Gerrish kicked a chair. “The old man said it was a lousy idea.”
“Got your replacements yet?”
“Arrived this morning. Pilot’s thirteen, observer’s twelve. Shout loudly and they burst into tears.”
Chapter 17
Somewhere a dam had burst. It was a huge dam, stuffed with thunder, and in its rush to escape, the thunder rolled over itself and made a double thunder, and then the double thunder exploded with a roar, and the roar swelled until the air was swamped with noise. Fifteen miles away, lying on O’Neill’s bed, Paxton thought the hut would collapse under the weight of noise. A pane of glass fell from a trembling window and shattered. He rolled off the bed just as O’Neill came in. “You’ve been signing my name on your mess chits, you prick,” O’Neill said, pitching his voice to penetrate the roar.
“Well, you’ve been signing mine on yours, you turd. What the hell is that?”
“Guns. They go bang. Didn’t you know?” He began rummaging in Paxton’s trunk. “I wish you wouldn’t have so much starch put in your shirts… Is this my bottle of rum?”
“I expect so.” Paxton was in the doorway, looking to the east.
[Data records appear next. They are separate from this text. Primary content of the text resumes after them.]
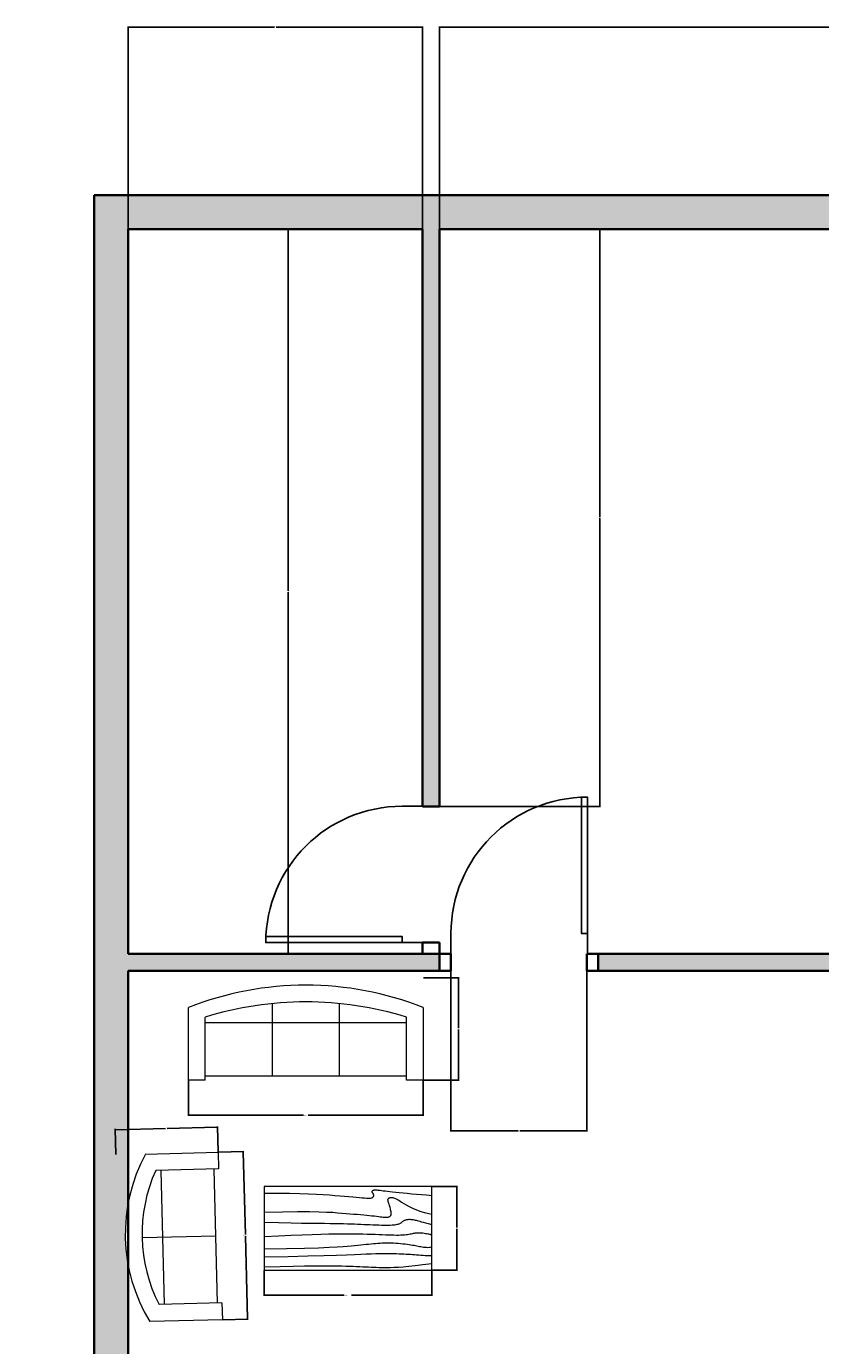
# Model space of a CAD drawing. Units: inches. Extents: x 1563 to 2428, y 777 to 1464.
# Tile 10 of 11: x 2007 to 2218, y 1115 to 1464. Entities that reach past the tile are written whole.
import ezdxf

# ---------------------------------------------------------------- set-up
doc = ezdxf.new("R2010")
doc.units = ezdxf.units.IN
for name, color, linetype, lineweight in [('A-ANNO-DIMS', 2, 'Continuous', 18), ('A-DOOR', 4, 'Continuous', 25), ('A-FURN', 9, 'Continuous', 18), ('A-WALL', 7, 'Continuous', 35), ('A-WALL-PATT', 8, 'Continuous', 13)]:
    doc.layers.add(name, color=color, linetype=linetype, lineweight=lineweight)
doc.styles.get("Standard").update_dxf_attribs({"font": 'arial.ttf'})
doc.dimstyles.get("Standard").update_dxf_attribs({"dimtxt": 0.18, "dimasz": 0.18, "dimexe": 0.18, "dimexo": 0.0625, "dimgap": 0.09, "dimtad": 0, "dimtih": 1, "dimtoh": 1, "dimdec": 4, "dimzin": 0, "dimdsep": 46, "dimtxsty": 'Standard', "dimcen": 0.09, "dimadec": 0, "dimazin": 0, "dimtfac": 1, "dimtdec": 4, "dimtofl": 0, "dimtmove": 0, "dimatfit": 3, "dimfxl": 1, "dimtolj": 1, "dimtzin": 0, "dimarcsym": 0})

# ---------------------------------------------------------------- blocks, each defined once
blk = doc.blocks.new('*U3')
for p, q in [((0, 0), (0, -6)), ((-40, 0), (-40, -6))]:
    blk.add_line(p, q)
blk.add_lwpolyline([(0, 0), (0, 40), (-1.75, 40), (-1.75, 0)], close=True)
blk.add_arc((0, 0), 40, 90, 180)
blk = doc.blocks.new('*U4')
for p, q in [((0, 0), (0, -6)), ((40, 0), (40, -6))]:
    blk.add_line(p, q)
blk.add_lwpolyline([(0, 0), (0, 40), (1.75, 40), (1.75, 0)], close=True)
blk.add_arc((0, 0), 40, 0, 90)
blk = doc.blocks.new('Sofa - Roundback 7 ft.')
for p, q in [((-12.00002, -32.4421), (-12.00003, -6.5971)), ((11.99997, -32.4421), (11.99998, -6.5971)), ((-36.000027, -34), (-36.000027, -11.4696)), ((-35.999844, -13.3819), (35.9998, -13.3819)), ((35.99998, -34), (35.99998, -11.4696)), ((-36.000027, -32.4421), (35.99998, -32.4421))]:
    blk.add_line(p, q)
for points in [[(-36.000027, -34), (-42.000027, -34), (-42.000027, -8)], [(41.99998, -8), (41.99998, -34), (35.99998, -34)]]:
    blk.add_lwpolyline(points)
for centre, radius, start, end in [((0, -114.25), 114.25, 68.43141, 111.5686), ((-0.00001, -127.1968), 121.1968, 72.72033, 107.2797)]:
    blk.add_arc(centre, radius, start, end)
blk = doc.blocks.new('Sofa - Roundback Loveseat 5 ft.')
for p, q in [((0, -32.44198), (0, -5.99998)), ((-24, -33.99998), (-24, -11.46958)), ((-23.9998, -13.38178), (23.99986, -13.38178)), ((24.00004, -33.99998), (24.00004, -11.46958)), ((-24, -32.44198), (24.00004, -32.44198))]:
    blk.add_line(p, q)
for points in [[(-24, -33.99998), (-30, -33.99998), (-30, -7.99998)], [(30.00004, -7.99998), (30.00004, -33.99998), (24.00004, -33.99998)]]:
    blk.add_lwpolyline(points)
for centre, radius, start, end in [((0, -60.24998), 60.24998, 60.13715, 119.8628), ((0, -61.38438), 55.38444, 64.32083, 115.6792)]:
    blk.add_arc(centre, radius, start, end)
blk = doc.blocks.new('Table - Rectangular Woodgrain 60 x 30 in.')
for p, q in [((0, 0), (0, -30)), ((60, 0), (0, 0)), ((60, -30), (60, 0)), ((0, -30), (60, -30))]:
    blk.add_line(p, q)
for points in [[(0, -2.4), (4.8155, -2.418), (9.0302, -2.4688), (12.709, -2.5477), (15.9167, -2.65), (18.7181, -2.7711), (21.1781, -2.9063), (23.3616, -3.0508), (25.3333, -3.2), (27.1477, -3.3495), (28.8172, -3.4958), (30.3437, -3.636), (31.7291, -3.7667), (32.9756, -3.8849), (34.0849, -3.9875), (35.059, -4.0714), (35.9, -4.1334), (36.6114, -4.1711), (37.2041, -4.1854), (37.6906, -4.1779), (38.0833, -4.15), (38.3948, -4.1034), (38.6375, -4.0396), (38.8239, -3.9602), (38.9666, -3.8667), (39.0764, -3.7608), (39.1573, -3.6448), (39.2116, -3.521), (39.2416, -3.3917), (39.2498, -3.2593), (39.2385, -3.1261), (39.21, -2.9944), (39.1666, -2.8667), (39.111, -2.7447), (39.0468, -2.6281), (38.978, -2.5163), (38.9083, -2.4083), (38.8418, -2.3035), (38.7823, -2.201), (38.7337, -2.1001), (38.7, -2), (38.6844, -1.9003), (38.6875, -1.8021), (38.7094, -1.707), (38.75, -1.6167), (38.8094, -1.5326), (38.8875, -1.4563), (38.9844, -1.3893), (39.1, -1.3333), (39.2351, -1.2896), (39.3937, -1.2583), (39.5804, -1.2396), (39.8, -1.2333), (40.057, -1.2396), (40.3562, -1.2583), (40.7023, -1.2896), (41.1, -1.3333), (41.5547, -1.3895), (42.0755, -1.4573), (42.6721, -1.5361), (43.3542, -1.625), (44.1316, -1.7233), (45.014, -1.8302), (46.0114, -1.9449), (47.1333, -2.0667), (48.3862, -2.1947), (49.7625, -2.3281), (51.2513, -2.4663), (52.8416, -2.6083), (54.5226, -2.7535), (56.2833, -2.9011), (58.1127, -3.0501), (60, -3.2)], [(0, -9.2), (6.5759, -9.0858), (11.9385, -9.0365), (16.2527, -9.0418), (19.6833, -9.0917), (22.3952, -9.1759), (24.5531, -9.2844), (26.322, -9.4069), (27.8666, -9.5333), (29.3241, -9.6553), (30.7203, -9.7719), (32.0532, -9.8837), (33.3208, -9.9917), (34.5213, -10.0965), (35.6526, -10.199), (36.7128, -10.2999), (37.7, -10.4), (38.6129, -10.4996), (39.4531, -10.5969), (40.223, -10.6895), (40.925, -10.775), (41.5613, -10.8512), (42.1344, -10.9156), (42.6465, -10.966), (43.1, -11), (43.4976, -11.0158), (43.8437, -11.0136), (44.143, -10.9942), (44.4, -10.9583), (44.6195, -10.9069), (44.8062, -10.8406), (44.9648, -10.7603), (45.1, -10.6667), (45.2155, -10.5598), (45.3114, -10.4365), (45.3871, -10.2929), (45.4416, -10.125), (45.4743, -9.929), (45.4844, -9.7011), (45.4709, -9.4371), (45.4333, -9.1333), (45.3716, -8.7883), (45.2896, -8.4104), (45.1919, -8.0107), (45.0833, -7.6), (44.9685, -7.1893), (44.8521, -6.7896), (44.7388, -6.4117), (44.6333, -6.0667), (44.54, -5.7628), (44.4614, -5.4979), (44.4001, -5.2675), (44.3583, -5.0667), (44.3384, -4.8909), (44.3427, -4.7354), (44.3736, -4.5956), (44.4333, -4.4667), (44.5236, -4.3453), (44.6427, -4.2333), (44.7884, -4.1339), (44.9583, -4.05), (45.1501, -3.9849), (45.3614, -3.9417), (45.59, -3.9234), (45.8333, -3.9333), (46.0915, -3.9749), (46.3734, -4.0531), (46.6906, -4.1736), (47.0542, -4.3417), (47.4756, -4.5629), (47.9661, -4.8427), (48.5372, -5.1866), (49.2, -5.6), (49.9676, -6.0844), (50.8594, -6.625), (51.8965, -7.2031), (53.1, -7.8), (54.491, -8.3969), (56.0906, -8.975), (57.9199, -9.5156), (60, -10)], [(0, -12.8), (5.1847, -12.9322), (9.6213, -13.0323), (13.3963, -13.1059), (16.5958, -13.1583), (19.3063, -13.1952), (21.614, -13.2219), (23.6054, -13.2439), (25.3666, -13.2667), (26.9728, -13.2947), (28.4531, -13.3281), (29.8256, -13.3663), (31.1083, -13.4083), (32.3191, -13.4535), (33.476, -13.501), (34.597, -13.5501), (35.7, -13.6), (36.7984, -13.6497), (37.8875, -13.6979), (38.9578, -13.743), (40, -13.7833), (41.0047, -13.8174), (41.9625, -13.8438), (42.864, -13.8607), (43.7, -13.8667), (44.4631, -13.8604), (45.1552, -13.8417), (45.7801, -13.8104), (46.3416, -13.7667), (46.8439, -13.7104), (47.2906, -13.6417), (47.6858, -13.5604), (48.0333, -13.4667), (48.3375, -13.3608), (48.6042, -13.2448), (48.8396, -13.121), (49.05, -12.9917), (49.2417, -12.8593), (49.4208, -12.7261), (49.5937, -12.5944), (49.7667, -12.4667), (49.9452, -12.3451), (50.1323, -12.2313), (50.3303, -12.1268), (50.5416, -12.0333), (50.7686, -11.9524), (51.0135, -11.8854), (51.2788, -11.8341), (51.5666, -11.8), (51.8785, -11.7843), (52.2116, -11.7865), (52.562, -11.8059), (52.926, -11.8417), (53.2998, -11.8931), (53.6795, -11.9594), (54.0614, -12.0397), (54.4416, -12.1333), (54.8223, -12.2401), (55.2293, -12.3625), (55.6942, -12.5037), (56.2489, -12.6667), (56.9251, -12.8547), (57.7545, -13.0708), (58.7689, -13.3182), (60, -13.6)], [(0, -18), (5.124, -17.7273), (9.6609, -17.5057), (13.6705, -17.3303), (17.2125, -17.1958), (20.3467, -17.0973), (23.1328, -17.0297), (25.6307, -16.9878), (27.9, -16.9667), (29.9928, -16.9617), (31.9302, -16.9703), (33.7254, -16.9907), (35.3917, -17.0208), (36.9423, -17.0588), (38.3906, -17.1026), (39.7499, -17.1503), (41.0333, -17.2), (42.2519, -17.2496), (43.4073, -17.2969), (44.4986, -17.3395), (45.525, -17.375), (46.4858, -17.4012), (47.3802, -17.4156), (48.2074, -17.416), (48.9667, -17.4), (49.6583, -17.3662), (50.2872, -17.3167), (50.8595, -17.2547), (51.3812, -17.1833), (51.8584, -17.1057), (52.2971, -17.025), (52.7034, -16.9443), (53.0833, -16.8667), (53.443, -16.7951), (53.789, -16.7313), (54.128, -16.6768), (54.4666, -16.6334), (54.8115, -16.6024), (55.1693, -16.5854), (55.5465, -16.5841), (55.95, -16.6), (56.3828, -16.6337), (56.8346, -16.6823), (57.2915, -16.7418), (57.7396, -16.8084), (58.165, -16.878), (58.5539, -16.9469), (58.8924, -17.0111), (59.1666, -17.0667), (59.3679, -17.1107), (59.5078, -17.1438), (59.6032, -17.1675), (59.6708, -17.1833), (59.7275, -17.193), (59.7901, -17.1979), (59.8753, -17.1998), (60, -17.2)], [(0, -22.4), (8.0098, -22.2501), (14.4094, -22.1011), (19.4168, -21.9535), (23.25, -21.8083), (26.1269, -21.6663), (28.2656, -21.5281), (29.884, -21.3947), (31.2, -21.2667), (32.3967, -21.1448), (33.5172, -21.0292), (34.5697, -20.9198), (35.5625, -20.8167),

He expected to see a distant sign of such a colossal roar, but there was nothing. A few panicking pigeons clattered overhead. “Is this the Big Push?”
“Christ knows. Is this my toothbrush?”
“I expect so.”
“Jesus… Can’t you get your own?”
“I did. You took it. How long will this last?”
O’Neill removed a bunch of coloured photographs from Paxton’s hand. “I wish to buggery you wouldn’t breathe on my naked ladies,” he grumbled. “And go and stink in your own pit.”
“It’s wonderful,” Paxton said. “Just listen. It’s superb. Isn’t it superb?”
“Get your bonnet on,” O’Neill said. “Let’s go and get some breakfast.”
They took off half an hour later, to cover a Quirk on a photographic patrol. All the squadron was in the air. Paxton was eager to see what the bombardment looked like but when they crossed the Front it was obscured by a drifting fog of smoke from the guns, and the enemy trenches were completely lost under a cloud of grey-brown dust, which occasionally gave birth to shapely puffballs when the heavy howitzers caused an unusual amount of damage. The barrage drowned out the FE’s engine. There was so much din that Paxton heard nothing. He thought he might have gone deaf, so he undid his flying helmet and peeled back a flap. His ears hurt. It was like being in the middle of a mob of angry blacksmiths He did up his helmet, fast. Behind the British Lines, gunflashes made a flickering stream of red and yellow that wandered to the north and faded into their own smoke. Paxton turned his head. Another stream wandered south, as bright as fireflies. Those guns have fired a thousand shells while I watched them, he thought. How magnificent! How stunning!
They rendezvoused with their Quirk and took care of it while it paraded up and down, infuriating the archie. If O’Neill held his course and height for thirty seconds the archie had a go at him, too. But this was not their day. The Quirk got its pictures and went home. O’Neill still had fuel. He climbed and searched further to the east.
There was nothing much to see: the odd speck, hopelessly remote and going away; the odd line of cloud, and not much of that. O’Neill decided to make a certain cloud his turning-point. It turned out to be big and sprawling, with a massive overhang that almost formed a cave. The shadow of the FE got there first by half a second and went flitting across the face of the cloud until he caught up with it and they charged into the near-cave and came out the other side as an Albatros came flying in. For an instant O’Neill’s stomach clenched as hard as stone because he knew their wings must hit. They flicked past each other. He slumped, forgot how to breathe, and recovered to find his arms and legs automatically stuffing the controls into a corner so as to drag the FE into a tight turn before the Albatros came back and cut it to pieces.